By Rich Miller and Jana Randow | Bloomberg

The International Monetary Fund has warned of the risk of sudden and steep drops in global stock prices and home values ​​as the Federal Reserve and other central banks withdraw the support they have provided during the pandemic.

The ultra-relaxed monetary policy has led to “pockets of market exuberance and growing financial leverage” that could unfold haphazardly and put economic recovery at risk as credit tightens, IMF said on Tuesday in its semi-annual report on financial stability.

“The shocks could come from the central banks themselves as they are tightening faster than expected,” Tobias Adrian, director of the IMF’s monetary and capital markets department, said in an interview. “We are concerned that we may see a massive sell-off of considerable magnitude, given the level of strained valuations.”

To complicate the calculation of central banks, he said, the emergence of inflationary pressures “unlike anything we have seen before”.

While the IMF agrees with the Fed and other central banks that the explosion in inflation is likely to be temporary, “there is quite a bit of uncertainty” around this forecast, Adrian said.

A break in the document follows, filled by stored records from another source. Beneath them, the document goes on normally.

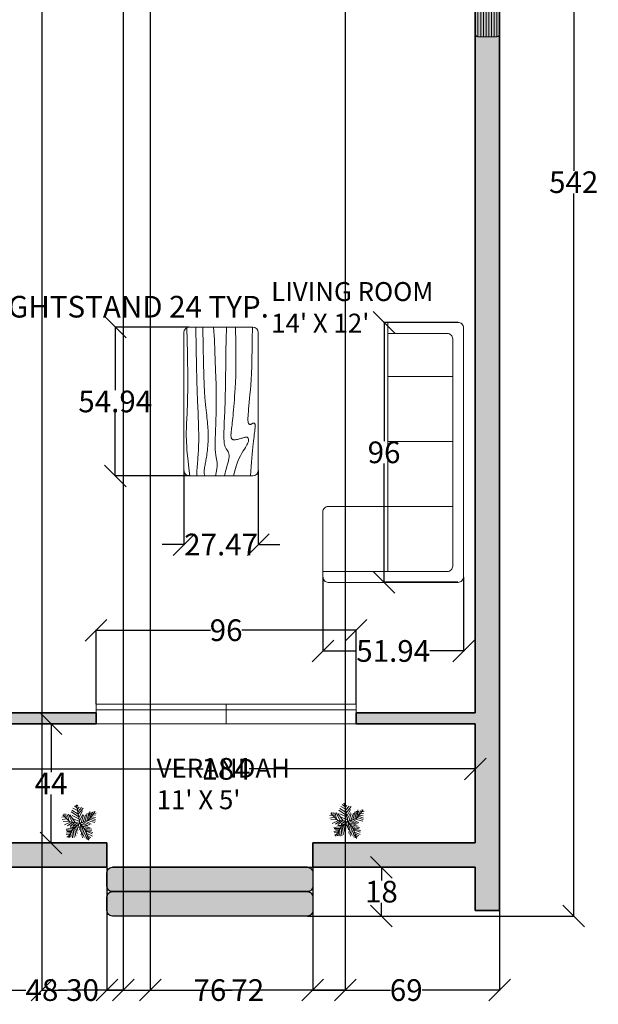
# Model space of a CAD drawing. Units: inches. Extents: x -8 to 447, y -560 to 47.
# Tile 2 of 5: x 201 to 415, y -560 to -196. Entities that reach past the tile are written whole.
import ezdxf

# ---------------------------------------------------------------- set-up
doc = ezdxf.new("R2010")
doc.units = ezdxf.units.IN
doc.header["$MEASUREMENT"] = 0
for name, color, linetype, lineweight in [('A-ANNO-DIMS', 2, 'Continuous', 18), ('A-AREA-IDEN', 7, 'Continuous', 18), ('A-FLOR-PATT', 251, 'Continuous', 13), ('A-FLOR-STRS', 7, 'Continuous', 25), ('A-FURN', 8, 'Continuous', 18), ('A-WALL', 7, 'Continuous', 35), ('A-WALL-PATT', 251, 'Continuous', 13), ('DOOR', 40, 'Continuous', 18), ('PLANTS', 82, 'Continuous', 13), ('WINDOW', 151, 'Continuous', 13)]:
    doc.layers.add(name, color=color, linetype=linetype, lineweight=lineweight)
doc.styles.get("Standard").update_dxf_attribs({"font": 'arial.ttf'})
doc.dimstyles.get("Standard").update_dxf_attribs({"dimtxt": 8, "dimasz": 8, "dimexe": 0.18, "dimexo": 0.0625, "dimgap": 0.09, "dimtad": 0, "dimtih": 1, "dimtoh": 1, "dimdec": 0, "dimzin": 0, "dimdsep": 46, "dimlunit": 4, "dimtxsty": 'Standard', "dimblk": 'OBLIQUE', "dimcen": 0.09, "dimadec": 0, "dimazin": 0, "dimtfac": 1, "dimtdec": 0, "dimtofl": 0, "dimtmove": 0, "dimatfit": 3, "dimldrblk": 'OBLIQUE', "dimfxl": 1, "dimtolj": 1, "dimtzin": 0, "dimarcsym": 0})

# ---------------------------------------------------------------- blocks, each defined once
blk = doc.blocks.new('WINDOW')
for p, q in [((0, -1.63), (48, -1.63)), ((0, -2.63), (48, -2.63)), ((0, -3.63), (48, -3.63)), ((0, -4.63), (48, -4.63)), ((0, -5.63), (48, -5.63)), ((0, -6.63), (48, -6.63)), ((0, -7.63), (48, -7.63)), ((0, -8.63), (48, -8.63))]:
    blk.add_line(p, q)
blk.add_lwpolyline([(48, -1.63), (48, -8.63, -0.414214), (47, -9.63), (1, -9.63, -0.414214), (0, -8.63), (0, -1.63, -0.414214), (1, -0.63), (47, -0.63, -0.414214)], format="xyb", close=True)
blk = doc.blocks.new('*U7')
for p, q in [((0, 0), (0, -6)), ((40, 0), (40, -6))]:
    blk.add_line(p, q)
blk.add_lwpolyline([(0, 0), (40, 0), (40, -1.75), (0, -1.75)], close=True)
blk = doc.blocks.new('*U23')
for p, q in [((-3.665, 19.273), (-27.574, 35.527)), ((-5.114, 28.097), (-24.676, 40.636)), ((-7.288, 39.707), (-21.778, 46.673)), ((-8.737, 47.138), (-17.069, 52.711)), ((-10.186, 53.64), (-13.084, 55.962)), ((0, 0), (-10.5, 57)), ((-9.099, 51.782), (-6.563, 55.962)), ((-7.65, 43.423), (-2.578, 49.46)), ((-5.839, 35.992), (4.667, 48.067)), ((-5.114, 27.632), (10.463, 46.673)), ((-2.941, 16.486), (8.652, 37.85)), ((16.259, 5.805), (23.142, 31.348)), ((22.055, 7.198), (27.489, 32.277)), ((27, 9), (48, 36)), ((27.127, 9.056), (31.112, 35.992)), ((31.836, 30.883), (32.561, 16.486)), ((35.096, 32.741), (37.27, 22.524)), ((38.719, 34.134), (41.979, 28.561)), ((43.791, 29.954), (51.036, 30.883)), ((44.153, 36.456), (45.239, 32.741)), ((-47.498, 19.737), (-55.83, 18.344)), ((-40.615, 13.7), (-55.105, 10.913)), ((-31.5, 4.5), (-52.5, 25.5)), ((-33.37, 6.269), (-52.207, 5.34)), ((-48.585, 21.131), (-49.309, 29.026)), ((-28.299, 3.483), (-47.86, -5.805)), ((-43.513, 28.561), (-42.427, 15.558)), ((-38.442, 26.239), (-34.819, 7.663)), ((-21.416, 3.018), (-38.079, -8.128)), ((-35.544, 28.097), (-24.314, 3.947)), ((0, 0), (-31.5, 4.5)), ((-14.533, 2.09), (-30.834, 25.31)), ((-15.982, 2.09), (-30.11, -9.521)), ((-24.314, 23.917), (-2.941, 13.7)), ((0, 0), (-22.5, -19.5)), ((-6.563, 1.161), (-21.416, -8.128)), ((-20.691, 13.7), (-1.129, 4.876)), ((-1.129, 6.734), (9.014, 26.704)), ((0, 0), (27, 9)), ((0, 0), (18, -22.5)), ((3.942, 1.625), (11.187, 24.381)), ((6.478, 1.625), (26.04, -8.592)), ((10.101, 3.483), (17.708, 26.239)), ((11.187, 3.483), (30.749, -5.805)), ((18.07, 5.805), (35.096, -3.483)), ((24.229, 7.663), (46.688, 1.625)), ((29.662, 12.307), (48.137, 6.269)), ((33.285, 16.486), (48.862, 10.913)), ((36.183, 19.737), (48.137, 17.88)), ((40.53, 25.775), (48.862, 24.846)), ((-17.431, -15.094), (-42.789, -18.809)), ((-28.299, -29.026), (-42.789, -31.348)), ((-24.314, -21.596), (-42.427, -22.06)), ((-26.849, -26.24), (-40.253, -25.775)), ((-22.5, -19.5), (-37.5, -45)), ((-15.257, -12.772), (-30.11, -12.772)), ((-25.038, -23.918), (-22.865, -45.281)), ((-20.691, -18.345), (-17.793, -44.352)), ((-6.563, -5.805), (-19.967, -9.985)), ((-17.069, -15.094), (-12.721, -40.172)), ((-13.446, -11.378), (-8.737, -32.741)), ((-9.461, -8.592), (-6.201, -23.453)), ((-4.752, -3.483), (-3.665, -14.629)), ((2.493, -3.019), (-1.491, -20.202)), ((1.769, -2.555), (24.229, -9.521)), ((5.029, -6.27), (2.131, -25.775)), ((9.014, -11.378), (3.58, -35.992)), ((14.085, -16.951), (6.478, -40.172)), ((7.565, -9.056), (32.198, -14.629)), ((18.07, -22.524), (8.289, -45.745)), ((12.274, -15.094), (36.907, -18.809)), ((20.244, -30.419), (15.897, -44.816)), ((16.259, -19.738), (36.183, -22.989)), ((18, -22.5), (27, -52.5)), ((18.433, -22.524), (40.53, -29.026)), ((19.157, -25.311), (38.719, -33.206)), ((-30.834, -34.135), (-42.427, -35.528)), ((-34.457, -39.708), (-40.978, -42.494)), ((-32.646, -36.921), (-31.921, -44.352)), ((-29.023, -30.884), (-27.936, -43.887)), ((22.78, -37.85), (19.519, -48.532)), ((21.331, -32.741), (39.081, -40.636)), ((22.78, -38.314), (34.372, -44.816)), ((24.591, -45.745), (23.142, -50.854)), ((24.591, -43.423), (30.749, -47.603)), ((26.764, -49.925), (28.213, -50.854))]:
    blk.add_line(p, q)
blk = doc.blocks.new('_Oblique')
at = {"color": 0, "linetype": 'ByBlock', "lineweight": -2}
blk.add_line((-0.5, -0.5), (0.5, 0.5), dxfattribs=at)
blk = doc.blocks.new('*D33')
at = {"layer": 'A-ANNO-DIMS', "color": 0, "lineweight": -2, "transparency": 16777216}
for p, q in [((150.53, -305.97), (150.53, -302.25)), ((150.53, -302.43), (174.53, -302.43)), ((174.53, -305.97), (174.53, -302.25)), ((174.53, -302.43), (182.53, -302.43))]:
    blk.add_line(p, q, dxfattribs=at)
at = {"layer": 'Defpoints', "color": 0, "transparency": 16777216}
for p in [(174.53, -302.43), (150.53, -306.03), (174.53, -306.03)]:
    blk.add_point(p, dxfattribs=at)
at = {"layer": 'A-ANNO-DIMS', "color": 0, "lineweight": -2, "transparency": 16777216, "xscale": 8, "yscale": 8, "zscale": 8, "rotation": 180}
blk.add_blockref('_Oblique', (150.53, -302.43), dxfattribs=at)
at = {"layer": 'A-ANNO-DIMS', "color": 0, "lineweight": -2, "transparency": 16777216, "xscale": 8, "yscale": 8, "zscale": 8}
blk.add_blockref('_Oblique', (174.53, -302.43), dxfattribs=at)
at = {"layer": 'A-ANNO-DIMS', "color": 0, "transparency": 16777216, "insert": (239.77, -302.43), "char_height": 8, "attachment_point": 5}
blk.add_mtext('\\A1;NIGHTSTAND 24 TYP.', dxfattribs=at)
blk = doc.blocks.new('*D52')
at = {"layer": 'A-ANNO-DIMS', "color": 0, "lineweight": -2, "transparency": 16777216}
for p, q in [((378.76, 14.56), (406.23, 14.56)), ((406.05, 14.56), (406.05, -252.27)), ((406.05, -527.44), (406.05, -260.61)), ((307.76, -527.44), (406.23, -527.44))]:
    blk.add_line(p, q, dxfattribs=at)
at = {"layer": 'Defpoints', "color": 0, "transparency": 16777216}
for p in [(378.7, 14.56), (307.7, -527.44), (406.05, -527.44)]:
    blk.add_point(p, dxfattribs=at)
at = {"layer": 'A-ANNO-DIMS', "color": 0, "lineweight": -2, "transparency": 16777216, "xscale": 8, "yscale": 8, "zscale": 8}
for p, rotation in [((406.05, 14.56), 90), ((406.05, -527.44), 270)]:
    blk.add_blockref('_Oblique', p, dxfattribs=dict(at, rotation=rotation))
at = {"layer": 'A-ANNO-DIMS', "color": 0, "transparency": 16777216, "insert": (406.05, -256.44), "char_height": 8, "attachment_point": 5}
blk.add_mtext('\\A1;542', dxfattribs=at)
blk = doc.blocks.new('*D59')
at = {"layer": 'A-ANNO-DIMS', "color": 0, "lineweight": -2, "transparency": 16777216}
for p, q in [((233.7, -509.5), (233.7, -554.97)), ((185.7, -525.5), (185.7, -554.97)), ((185.7, -554.79), (203.71, -554.79)), ((233.7, -554.79), (215.69, -554.79))]:
    blk.add_line(p, q, dxfattribs=at)
at = {"layer": 'Defpoints', "color": 0, "transparency": 16777216}
for p in [(233.7, -509.44), (185.7, -525.44), (233.7, -554.79)]:
    blk.add_point(p, dxfattribs=at)
at = {"layer": 'A-ANNO-DIMS', "color": 0, "lineweight": -2, "transparency": 16777216, "xscale": 8, "yscale": 8, "zscale": 8, "rotation": 180}
blk.add_blockref('_Oblique', (185.7, -554.79), dxfattribs=at)
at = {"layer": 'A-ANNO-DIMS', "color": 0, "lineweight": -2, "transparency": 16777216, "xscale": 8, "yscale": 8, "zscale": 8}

This raises “some question marks” about how policymakers would react to a financial market meltdown.

Here are some of the risks to financial stability highlighted in the IMF report:

Stock markets

“Equity price misalignments” are prevalent as the surge over the past 18 months has left stocks elevated relative to economic fundamentals.

Prices could fall “significantly in the event of a sudden reassessment of the economic outlook or unexpected policy changes.”

Housing markets

“The risks of falling house prices seem significant. In the worst-case scenario, the fall in house prices over the next three years is estimated to be around 14% in advanced economies and 22% in emerging markets.

One positive point: While home values ​​appear to be as tight as they were before the 2007-08 financial crisis, the banking system is in much better shape than it was then. depending on the Fund.

Crypto-currencies

Although the crypto-asset market has multiplied to over $ 2 trillion, it remains weak relative to global stock and bond markets and does not yet pose a risk to the overall stability of the global financial system.

But regulation is urgently needed, especially stable coins, to mitigate such dangers in the future. “With limited or inadequate disclosure and oversight, the crypto ecosystem is exposed to consumer fraud and market integrity risks,” the IMF said.